En El americano (2010), de Anton Corbijn, se pueden rastrear ecos de la espléndida Fuga sin fin (The last run, 1971), de Richard Fleischer, aunque éste aplique un energético dinamismo a la narración mientras que la primera esta tiznada de un tono fúnebre, espectral, que le acerca más al cine de Jean Pierre Melville. Es el contraste que se puede apreciar entre la determinación que expresa el gran George C Scott, aunque deje entrever su vulnerabilidad, con esa pesadumbre que agrieta la mirada sombría de un estupendo George Clooney. Ambos son extraños en una tierra extraña, uno en España y otro en Italia, y sobre ambos pende la permanente sensación de que han llegado al final de su camino. Una de las virtudes de El americano es como logra transmitir la sensación de intemperie del protagonista, ya que cualquier personaje con quien se cruza, cualquier espacio, siempre puede ser una amenaza. No hay lugar seguro. La tragedia ya se palpa desde las primeras secuencias, como una sombra constante, en un personaje que busca una redención, mientras que en Fuga sin fín, el curso del desarrollo dramático está impregnado de una afirmación vital. Puede ser la última carrera (como indica el título original: The last run), pero Garmes (Scott) logra afirmarse aunque le cueste la vida. Ya en las primeras imagenes queda manifiesto. Garmes conduce un coche por las carreteras, poniendo a prueba más que a la maquina a sí mismo. El coche es una extensión de sí mismo, es su trabajo, su profesión, al otro lado de la ley. Aunque lleve ya nueve años retirado, acepta un nuevo encargo, conducir a un fugado, Ricard (Tony Musante) al destino indicado. Garmes siente que ya no pertenece a ninguna parte. Vive en un lugar de la costa, donde se retiró con su esposa e hijo para dedicarse a la pesca, pero acabó alquilando una barca para que otros pescaran, su hijo murió y su esposa le abandonó. Su relación con la prostituta Monique (Collen Dewhurst) es la única que le hace recordar, en un mínimo grado, que es aún cuerpo vivo. Este retorno es su forma de afirmarse en lo que es y vale. Quiere saber si es aún capaz, aún más, si está vivo, porque siente que se está muriendo gradualmente. Y por ello, se arriesga a que pueda perder la vida, cuando se involucra más de lo que implica su trabajo, cuando tras llevar a Ricard y su novia, Claudia (Trish Van Devere) a su destino, descubra que los van a ejecutar.

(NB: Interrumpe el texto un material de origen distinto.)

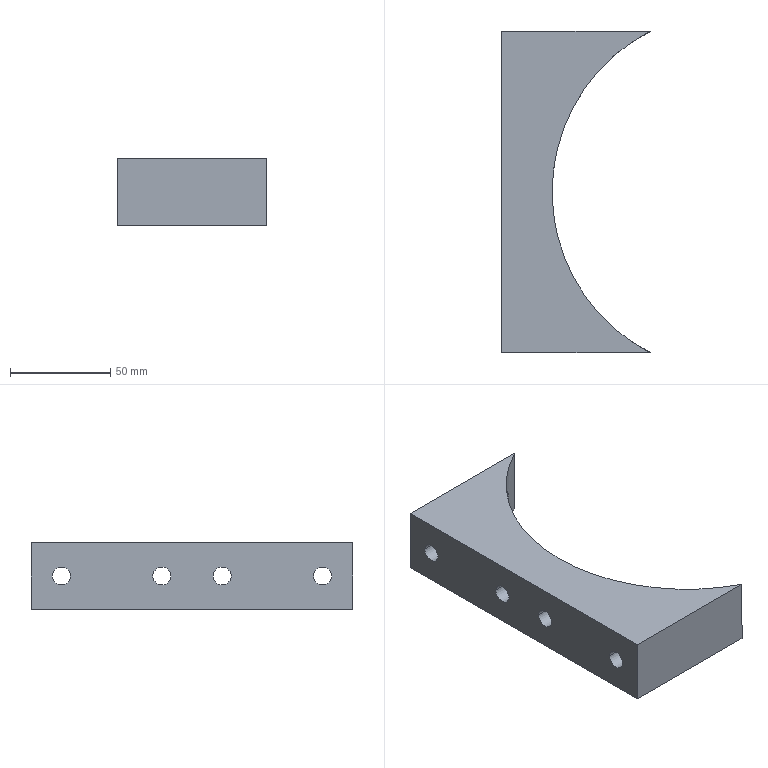Component | SolidWorks | ClampingAssembly-2_BrakeBlock-1 | 1 solid | 26 faces | box 73.77 x 160 x 33 mm | volume 180538 mm3 | cylinder 17 | plane 9 | commonest cylinder face diameters 15 x8 9 x8 180 x1 | material Industrial Rubber Sheet
build123d program:
from build123d import *

# Parameters (mm, degrees)
SKETCH1_W                                       = 160
SKETCH1_H                                       = 33
BOSS_EXTRUDE1_DEPTH                             = 75
M8_HEX_SOCKET_HEAD_CAP_SCREW_CBORE1_D           = 9
M8_HEX_SOCKET_HEAD_CAP_SCREW_CBORE1_CBORE_D     = 15
M8_HEX_SOCKET_HEAD_CAP_SCREW_CBORE1_CBORE_DEPTH = 68.6
SKETCH4_R                                       = 90
CUT_EXTRUDE1_DEPTH                              = 115.516


with BuildPart() as part:
    # Sketch1 → Boss-Extrude1 (new body)
    with BuildSketch(Plane.XY):
        Rectangle(SKETCH1_W, SKETCH1_H)
    extrude(amount=BOSS_EXTRUDE1_DEPTH)

    # M8 Hex Socket Head Cap Screw CBORE1 (through all)
    with Locations(Plane(origin=(-65, 0, 75), x_dir=(1, 0, 0), z_dir=(0, 0, 1))):
        with Locations((0, 0), (50, 0), (80, 0), (130, 0)):
            CounterBoreHole(M8_HEX_SOCKET_HEAD_CAP_SCREW_CBORE1_D / 2, M8_HEX_SOCKET_HEAD_CAP_SCREW_CBORE1_CBORE_D / 2, M8_HEX_SOCKET_HEAD_CAP_SCREW_CBORE1_CBORE_DEPTH)

    # Sketch4 → Cut-Extrude1 (cut, through all)
    with BuildSketch(Plane(origin=(0, 16.5, 0), x_dir=(1, 0, 0), z_dir=(0, 1, 0))):
        with Locations((0, -115)):
            Circle(SKETCH4_R)
    extrude(amount=-CUT_EXTRUDE1_DEPTH, mode=Mode.SUBTRACT)


solid = part.part

# Placed as in the assembly
solid = solid.moved(Location((-116.365, -26.917, -1210.457), (90, 90, 0)))

Fuga sin fin es un vigoroso y admirable thriller, entre lo solar y lo melancólico. Richard Fleischer, que entró en su etapa más irregular desde finales desde los sesenta, en esos años realizaría otras obras tan esplendidas como El estrangulador de Boston (1968), El estrangulador de Rillington place (1970); Los nuevos centuriones (1972), Cuando el destino nos alcance (1973) o Mandingo (1975). Un proyecto que, en principio iba a dirigir John Boorman, y después John Huston, quien intentó modificar radicalmente el guion de Alan Sharp. Su perspectiva divergía de la de Scott. Cuando llevaba un mes de rodaje, se desentendió de la producción. Fleischer retomaría el guion original. Un afortunado cambio, ya que Huston suele ser más obvio y Fleischer aplicó su sabiduría y precisión narrativa, jugando de modo proverbial con lo implícito. A destacar también cómo contrasta actitudes, el hombre de otro tiempo, Garmes, trata caballerosamente a Claudia, mientras que su novio, Picard, no tiene escrúpulos en pedirle que se acueste con Garmes para manipularle. El gesto de Scott (tras mantenerse varios segundos de espaldas a cámara) cuando ella le dice al final que no se va con él es portentoso, por su sonrisa doliente.
Me alegra que reivindiques esta cinta bastante olvidada del maestro Fleischer, quien incluso en un periodo pretendidamente menor hizo todas esas películas que citas en el último párrafo.
ResponderEliminarSaludos.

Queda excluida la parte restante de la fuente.